Dans le cadre de nos activités régaliennes de suivi des prisonniers politiques et détenus d’opinion au Gabon, Marc ONA et Georges MPAGA défenseurs des droits de l’Homme, se sont vus refusés de rencontrer les détenus politiques de la prison centrale notamment Brice LACCRUCHE ALIHANGA, Bertrand NZIBI et Jean Remy YAMA, sans aucun motif valable et sur un ordre non écrit du Directeur de la prison centrale de Libreville M. NGOUSSI.

Au moment où de nombreuses informations attestent de l’aggravation de l’état de santé de plusieurs prisonniers politiques singulièrement (Brice LACCRUCHE, Jean Remy YAMA), suite à la torture et aux mauvais traitements qui leurs ont été infligés à la prison Centrale de Libreville, cette interdiction confirme la volonté manifeste et délibérée des autorités gabonaises à violer les droits fondamentaux des prisonniers politiques au mépris de tous les principes des droits humains. Il est à noter que Brice LACCRUCHE ALIHANGA, Bertrand NZIBI ABEGUE, Jean Remy YAMA, depuis leurs incarcérations ont régulièrement été privés de leurs droits élémentaires à savoir : le droit à la santé, à la protection et à la dignité.

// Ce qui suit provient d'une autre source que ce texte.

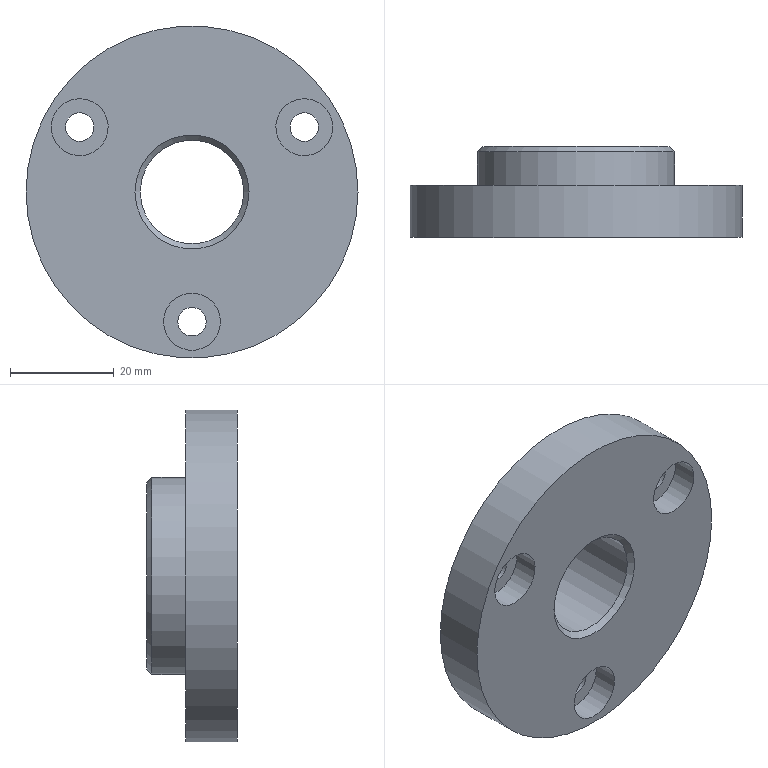Component | NX | FLANGE_COVER | 1 solid | 18 faces | box 64 x 17.5 x 64 mm | volume 33273 mm3 | cylinder 9 | plane 6 | cone 3 | commonest cylinder face diameters 11 x3 5.5 x3 64 x1 38 x1 20 x1
STEP:
#1=CARTESIAN_POINT('',(0.,0.,0.));
#2=DIRECTION('',(0.,0.,1.));
#3=DIRECTION('',(1.,0.,0.));
#4=AXIS2_PLACEMENT_3D('',#1,#2,#3);
#5=CARTESIAN_POINT('',(-127.326,-180.11,50.));
#6=VERTEX_POINT('',#5);
#7=CARTESIAN_POINT('',(-95.326,-180.11,50.));
#8=DIRECTION('',(0.,1.,0.));
#9=DIRECTION('',(-1.,0.,0.));
#10=AXIS2_PLACEMENT_3D('',#7,#8,#9);
#11=CIRCLE('',#10,32.);
#12=CARTESIAN_POINT('',(-95.326,-180.11,50.));
#13=DIRECTION('',(0.,-1.,0.));
#14=DIRECTION('',(1.,0.,0.));
#15=AXIS2_PLACEMENT_3D('',#12,#13,#14);
#16=CYLINDRICAL_SURFACE('',#15,32.);
#17=CARTESIAN_POINT('',(9.425,0.));
#18=DIRECTION('',(-1.,0.));
#19=VECTOR('',#18,1.);
#20=LINE('',#17,#19);
#21=(GEOMETRIC_REPRESENTATION_CONTEXT(2)PARAMETRIC_REPRESENTATION_CONTEXT()REPRESENTATION_CONTEXT('',''));
#22=DEFINITIONAL_REPRESENTATION('',(#20),#21);
#23=PCURVE('',#16,#22);
#24=CARTESIAN_POINT('',(-95.326,-180.11,50.));
#25=DIRECTION('',(0.,1.,0.));
#26=DIRECTION('',(-1.,0.,0.));
#27=AXIS2_PLACEMENT_3D('',#24,#25,#26);
#28=PLANE('',#27);
#29=CARTESIAN_POINT('',(0.,0.));
#30=DIRECTION('',(1.,0.));
#31=AXIS2_PLACEMENT_2D('',#29,#30);
#32=CIRCLE('',#31,32.);
#33=(GEOMETRIC_REPRESENTATION_CONTEXT(2)PARAMETRIC_REPRESENTATION_CONTEXT()REPRESENTATION_CONTEXT('',''));
#34=DEFINITIONAL_REPRESENTATION('',(#32),#33);
#35=PCURVE('',#28,#34);
#36=SURFACE_CURVE('',#11,(#23,#35),.PCURVE_S1.);
#37=EDGE_CURVE('',#6,#6,#36,.T.);
#38=ORIENTED_EDGE('',*,*,#37,.F.);
#39=CARTESIAN_POINT('',(-127.326,-190.11,50.));
#40=VERTEX_POINT('',#39);
#41=CARTESIAN_POINT('',(-127.326,-180.11,50.));
#42=CARTESIAN_POINT('',(-127.326,-190.11,50.));
#43=B_SPLINE_CURVE_WITH_KNOTS('',1,(#41,#42),.UNSPECIFIED.,.F.,.F.,(2,2),(0.,10.),.PIECEWISE_BEZIER_KNOTS.);
#44=CARTESIAN_POINT('',(9.425,0.));
#45=DIRECTION('',(0.,1.));
#46=VECTOR('',#45,1.);
#47=LINE('',#44,#46);
#48=(GEOMETRIC_REPRESENTATION_CONTEXT(2)PARAMETRIC_REPRESENTATION_CONTEXT()REPRESENTATION_CONTEXT('',''));
#49=DEFINITIONAL_REPRESENTATION('',(#47),#48);
#50=PCURVE('',#16,#49);
#51=CARTESIAN_POINT('',(3.142,0.));
#52=DIRECTION('',(0.,1.));
#53=VECTOR('',#52,1.);
#54=LINE('',#51,#53);
#55=(GEOMETRIC_REPRESENTATION_CONTEXT(2)PARAMETRIC_REPRESENTATION_CONTEXT()REPRESENTATION_CONTEXT('',''));
#56=DEFINITIONAL_REPRESENTATION('',(#54),#55);
#57=PCURVE('',#16,#56);
#58=SEAM_CURVE('',#43,(#50,#57),.PCURVE_S1.);
#59=EDGE_CURVE('',#6,#40,#58,.T.);
#60=ORIENTED_EDGE('',*,*,#59,.T.);
#61=CARTESIAN_POINT('',(-95.326,-190.11,50.));
#62=DIRECTION('',(0.,1.,0.));
#63=DIRECTION('',(-1.,0.,0.));
#64=AXIS2_PLACEMENT_3D('',#61,#62,#63);
#65=CIRCLE('',#64,32.);
#66=CARTESIAN_POINT('',(9.425,10.));
#67=DIRECTION('',(-1.,0.));
#68=VECTOR('',#67,1.);
#69=LINE('',#66,#68);
#70=(GEOMETRIC_REPRESENTATION_CONTEXT(2)PARAMETRIC_REPRESENTATION_CONTEXT()REPRESENTATION_CONTEXT('',''));
#71=DEFINITIONAL_REPRESENTATION('',(#69),#70);
#72=PCURVE('',#16,#71);
#73=CARTESIAN_POINT('',(-95.326,-190.11,50.));
#74=DIRECTION('',(0.,1.,0.));
#75=DIRECTION('',(-1.,0.,0.));
#76=AXIS2_PLACEMENT_3D('',#73,#74,#75);
#77=PLANE('',#76);
#78=CARTESIAN_POINT('',(0.,0.));
#79=DIRECTION('',(1.,0.));
#80=AXIS2_PLACEMENT_2D('',#78,#79);
#81=CIRCLE('',#80,32.);
#82=(GEOMETRIC_REPRESENTATION_CONTEXT(2)PARAMETRIC_REPRESENTATION_CONTEXT()REPRESENTATION_CONTEXT('',''));
#83=DEFINITIONAL_REPRESENTATION('',(#81),#82);
#84=PCURVE('',#77,#83);
#85=SURFACE_CURVE('',#65,(#72,#84),.PCURVE_S1.);
#86=EDGE_CURVE('',#40,#40,#85,.T.);
#87=ORIENTED_EDGE('',*,*,#86,.T.);
#88=ORIENTED_EDGE('',*,*,#59,.F.);
#89=EDGE_LOOP('',(#38,#60,#87,#88));
#90=FACE_BOUND('',#89,.T.);
#91=ADVANCED_FACE('',(#90),#16,.T.);
#92=CARTESIAN_POINT('',(-98.076,-180.11,25.));
#93=VERTEX_POINT('',#92);
#94=CARTESIAN_POINT('',(-95.326,-180.11,25.));
#95=DIRECTION('',(0.,1.,0.));
#96=DIRECTION('',(-1.,0.,0.));
#97=AXIS2_PLACEMENT_3D('',#94,#95,#96);
#98=CIRCLE('',#97,2.75);
#99=CARTESIAN_POINT('',(0.,-25.));
#100=DIRECTION('',(1.,0.));
#101=AXIS2_PLACEMENT_2D('',#99,#100);
#102=CIRCLE('',#101,2.75);
#103=(GEOMETRIC_REPRESENTATION_CONTEXT(2)PARAMETRIC_REPRESENTATION_CONTEXT()REPRESENTATION_CONTEXT('',''));
#104=DEFINITIONAL_REPRESENTATION('',(#102),#103);
#105=PCURVE('',#28,#104);
#106=CARTESIAN_POINT('',(-95.326,-148.11,25.));
#107=DIRECTION('',(0.,-1.,0.));
#108=DIRECTION('',(1.,0.,0.));
#109=AXIS2_PLACEMENT_3D('',#106,#107,#108);
#110=CYLINDRICAL_SURFACE('',#109,2.75);
#111=CARTESIAN_POINT('',(9.425,32.));
#112=DIRECTION('',(-1.,0.));
#113=VECTOR('',#112,1.);
#114=LINE('',#111,#113);
#115=(GEOMETRIC_REPRESENTATION_CONTEXT(2)PARAMETRIC_REPRESENTATION_CONTEXT()REPRESENTATION_CONTEXT('',''));
#116=DEFINITIONAL_REPRESENTATION('',(#114),#115);
#117=PCURVE('',#110,#116);
#118=SURFACE_CURVE('',#98,(#105,#117),.PCURVE_S1.);
#119=EDGE_CURVE('',#93,#93,#118,.T.);
#120=ORIENTED_EDGE('',*,*,#119,.F.);
#121=EDGE_LOOP('',(#120));
#122=FACE_BOUND('',#121,.T.);
#123=CARTESIAN_POINT('',(-76.426,-180.11,62.5));
#124=VERTEX_POINT('',#123);
#125=CARTESIAN_POINT('',(-73.676,-180.11,62.5));
#126=DIRECTION('',(0.,1.,0.));
#127=DIRECTION('',(-1.,0.,0.));
#128=AXIS2_PLACEMENT_3D('',#125,#126,#127);
#129=CIRCLE('',#128,2.75);
#130=CARTESIAN_POINT('',(-21.651,12.5));
#131=DIRECTION('',(1.,0.));
#132=AXIS2_PLACEMENT_2D('',#130,#131);
#133=CIRCLE('',#132,2.75);
#134=(GEOMETRIC_REPRESENTATION_CONTEXT(2)PARAMETRIC_REPRESENTATION_CONTEXT()REPRESENTATION_CONTEXT('',''));
#135=DEFINITIONAL_REPRESENTATION('',(#133),#134);
#136=PCURVE('',#28,#135);
#137=CARTESIAN_POINT('',(-73.676,-148.11,62.5));
#138=DIRECTION('',(0.,-1.,0.));
#139=DIRECTION('',(1.,0.,0.));
#140=AXIS2_PLACEMENT_3D('',#137,#138,#139);
#141=CYLINDRICAL_SURFACE('',#140,2.75);
#142=CARTESIAN_POINT('',(9.425,32.));
#143=DIRECTION('',(-1.,0.));
#144=VECTOR('',#143,1.);
#145=LINE('',#142,#144);
#146=(GEOMETRIC_REPRESENTATION_CONTEXT(2)PARAMETRIC_REPRESENTATION_CONTEXT()REPRESENTATION_CONTEXT('',''));
#147=DEFINITIONAL_REPRESENTATION('',(#145),#146);
#148=PCURVE('',#141,#147);
#149=SURFACE_CURVE('',#129,(#136,#148),.PCURVE_S1.);
#150=EDGE_CURVE('',#124,#124,#149,.T.);
#151=ORIENTED_EDGE('',*,*,#150,.F.);
#152=EDGE_LOOP('',(#151));
#153=FACE_BOUND('',#152,.T.);
#154=CARTESIAN_POINT('',(-119.727,-180.11,62.5));
#155=VERTEX_POINT('',#154);
#156=CARTESIAN_POINT('',(-116.977,-180.11,62.5));
#157=DIRECTION('',(0.,1.,0.));
#158=DIRECTION('',(-1.,0.,0.));
#159=AXIS2_PLACEMENT_3D('',#156,#157,#158);
#160=CIRCLE('',#159,2.75);
#161=CARTESIAN_POINT('',(21.651,12.5));
#162=DIRECTION('',(1.,0.));
#163=AXIS2_PLACEMENT_2D('',#161,#162);
#164=CIRCLE('',#163,2.75);
#165=(GEOMETRIC_REPRESENTATION_CONTEXT(2)PARAMETRIC_REPRESENTATION_CONTEXT()REPRESENTATION_CONTEXT('',''));
#166=DEFINITIONAL_REPRESENTATION('',(#164),#165);
#167=PCURVE('',#28,#166);
#168=CARTESIAN_POINT('',(-116.977,-148.11,62.5));
#169=DIRECTION('',(0.,-1.,0.));
#170=DIRECTION('',(1.,0.,0.));
#171=AXIS2_PLACEMENT_3D('',#168,#169,#170);
#172=CYLINDRICAL_SURFACE('',#171,2.75);
#173=CARTESIAN_POINT('',(9.425,32.));
#174=DIRECTION('',(-1.,0.));
#175=VECTOR('',#174,1.);
#176=LINE('',#173,#175);
#177=(GEOMETRIC_REPRESENTATION_CONTEXT(2)PARAMETRIC_REPRESENTATION_CONTEXT()REPRESENTATION_CONTEXT('',''));
#178=DEFINITIONAL_REPRESENTATION('',(#176),#177);
#179=PCURVE('',#172,#178);
#180=SURFACE_CURVE('',#160,(#167,#179),.PCURVE_S1.);
#181=EDGE_CURVE('',#155,#155,#180,.T.);
#182=ORIENTED_EDGE('',*,*,#181,.F.);
#183=EDGE_LOOP('',(#182));
#184=FACE_BOUND('',#183,.T.);
#185=CARTESIAN_POINT('',(-114.326,-180.11,50.));
#186=VERTEX_POINT('',#185);
#187=CARTESIAN_POINT('',(-95.326,-180.11,50.));
#188=DIRECTION('',(0.,1.,0.));
#189=DIRECTION('',(-1.,0.,0.));
#190=AXIS2_PLACEMENT_3D('',#187,#188,#189);
#191=CIRCLE('',#190,19.);
#192=CARTESIAN_POINT('',(0.,0.));
#193=DIRECTION('',(1.,0.));
#194=AXIS2_PLACEMENT_2D('',#192,#193);
#195=CIRCLE('',#194,19.);
#196=(GEOMETRIC_REPRESENTATION_CONTEXT(2)PARAMETRIC_REPRESENTATION_CONTEXT()REPRESENTATION_CONTEXT('',''));
#197=DEFINITIONAL_REPRESENTATION('',(#195),#196);
#198=PCURVE('',#28,#197);
#199=CARTESIAN_POINT('',(-95.326,-172.61,50.));
#200=DIRECTION('',(0.,-1.,0.));
#201=DIRECTION('',(1.,0.,0.));
#202=AXIS2_PLACEMENT_3D('',#199,#200,#201);
#203=CYLINDRICAL_SURFACE('',#202,19.);
#204=CARTESIAN_POINT('',(9.425,7.5));
#205=DIRECTION('',(-1.,0.));
#206=VECTOR('',#205,1.);
#207=LINE('',#204,#206);
#208=(GEOMETRIC_REPRESENTATION_CONTEXT(2)PARAMETRIC_REPRESENTATION_CONTEXT()REPRESENTATION_CONTEXT('',''));
#209=DEFINITIONAL_REPRESENTATION('',(#207),#208);
#210=PCURVE('',#203,#209);
#211=SURFACE_CURVE('',#191,(#198,#210),.PCURVE_S1.);
#212=EDGE_CURVE('',#186,#186,#211,.T.);
#213=ORIENTED_EDGE('',*,*,#212,.F.);
#214=EDGE_LOOP('',(#213));
#215=FACE_BOUND('',#214,.T.);
#216=ORIENTED_EDGE('',*,*,#37,.T.);
#217=EDGE_LOOP('',(#216));
#218=FACE_BOUND('',#217,.T.);
#219=ADVANCED_FACE('',(#122,#153,#184,#215,#218),#28,.T.);
#220=CARTESIAN_POINT('',(-106.326,-190.11,50.));
#221=VERTEX_POINT('',#220);
#222=CARTESIAN_POINT('',(-95.326,-190.11,50.));
#223=DIRECTION('',(0.,1.,0.));
#224=DIRECTION('',(-1.,0.,0.));
#225=AXIS2_PLACEMENT_3D('',#222,#223,#224);
#226=CIRCLE('',#225,11.);
#227=CARTESIAN_POINT('',(0.,0.));
#228=DIRECTION('',(1.,0.));
#229=AXIS2_PLACEMENT_2D('',#227,#228);
#230=CIRCLE('',#229,11.);
#231=(GEOMETRIC_REPRESENTATION_CONTEXT(2)PARAMETRIC_REPRESENTATION_CONTEXT()REPRESENTATION_CONTEXT('',''));
#232=DEFINITIONAL_REPRESENTATION('',(#230),#231);
#233=PCURVE('',#77,#232);
#234=CARTESIAN_POINT('',(-95.326,-189.11,50.));
#235=DIRECTION('',(0.,-1.,0.));
#236=DIRECTION('',(1.,0.,0.));
#237=AXIS2_PLACEMENT_3D('',#234,#235,#236);
#238=CONICAL_SURFACE('',#237,10.,0.7854);
#239=CARTESIAN_POINT('',(9.425,1.));
#240=DIRECTION('',(-1.,0.));
#241=VECTOR('',#240,1.);
#242=LINE('',#239,#241);
#243=(GEOMETRIC_REPRESENTATION_CONTEXT(2)PARAMETRIC_REPRESENTATION_CONTEXT()REPRESENTATION_CONTEXT('',''));
#244=DEFINITIONAL_REPRESENTATION('',(#242),#243);
#245=PCURVE('',#238,#244);
#246=SURFACE_CURVE('',#226,(#233,#245),.PCURVE_S1.);
#247=EDGE_CURVE('',#221,#221,#246,.T.);
#248=ORIENTED_EDGE('',*,*,#247,.T.);
#249=EDGE_LOOP('',(#248));
#250=FACE_BOUND('',#249,.T.);
#251=CARTESIAN_POINT('',(-100.826,-190.11,25.));
#252=VERTEX_POINT('',#251);
#253=CARTESIAN_POINT('',(-95.326,-190.11,25.));
#254=DIRECTION('',(0.,-1.,0.));
#255=DIRECTION('',(-1.,0.,0.));
#256=AXIS2_PLACEMENT_3D('',#253,#254,#255);
#257=CIRCLE('',#256,5.5);
#258=CARTESIAN_POINT('',(5.5,-25.));
#259=CARTESIAN_POINT('',(5.5,-34.526));
#260=CARTESIAN_POINT('',(-2.75,-29.763));
#261=CARTESIAN_POINT('',(-11.,-25.));
#262=CARTESIAN_POINT('',(-2.75,-20.237));
#263=CARTESIAN_POINT('',(5.5,-15.474));
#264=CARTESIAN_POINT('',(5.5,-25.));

En 2017 Bertrand NZIBI a été victime de violence orchestrée par l’ancien Directeur de la prison centrale de Libreville M. Paul MITOMBO.

En 2020 et 2021, Brice LACCRUCHE ALIHANGA a été reconnu victime de torture par les Nations Unies.

En 2022, son état de santé s’est brusquement détérioré avec l’apparition d’un cancer qui serait lié aux conditions inhumaines depuis son incarcération à la prison centrale de Libreville.

Le cas de Jean Remy YAMA est aussi similaire. En effet, son état de santé s’est aussi gravement détérioré au point que sa famille et ses avocats ont tiré la sonnette d’alarme quant au risque de décès de cette dernière faute de soins appropriés.

Compte tenu de ce qui précède, les organisations des défenseurs des droits de l’Homme au Gabon, dénoncent le rôle néfaste du gouvernement Gabonais dans la répression des prisonniers politiques qui sont bien que privés de liberté, sont victimes de tortures, de traitement inhumains et d’actes barbares, y compris les viols, les violences sexuelles et la privation des soins.

Devant l’état de dégradation de la santé des deux (2 ) principaux prisonniers politiques dont Brice LACCRUCHE, et Jean Remy YAMA, le régime d’ALI BONGO, met toutes sortes d’obstacles en empêchant que les défenseurs des droits de l’Homme puissent avoir accès aux prisonniers politiques. Il s’agit ici, d’une volonté du Gouvernement gabonais dont le but inavoué est de dissimiler la réalité sur la santé des prisonniers politiques.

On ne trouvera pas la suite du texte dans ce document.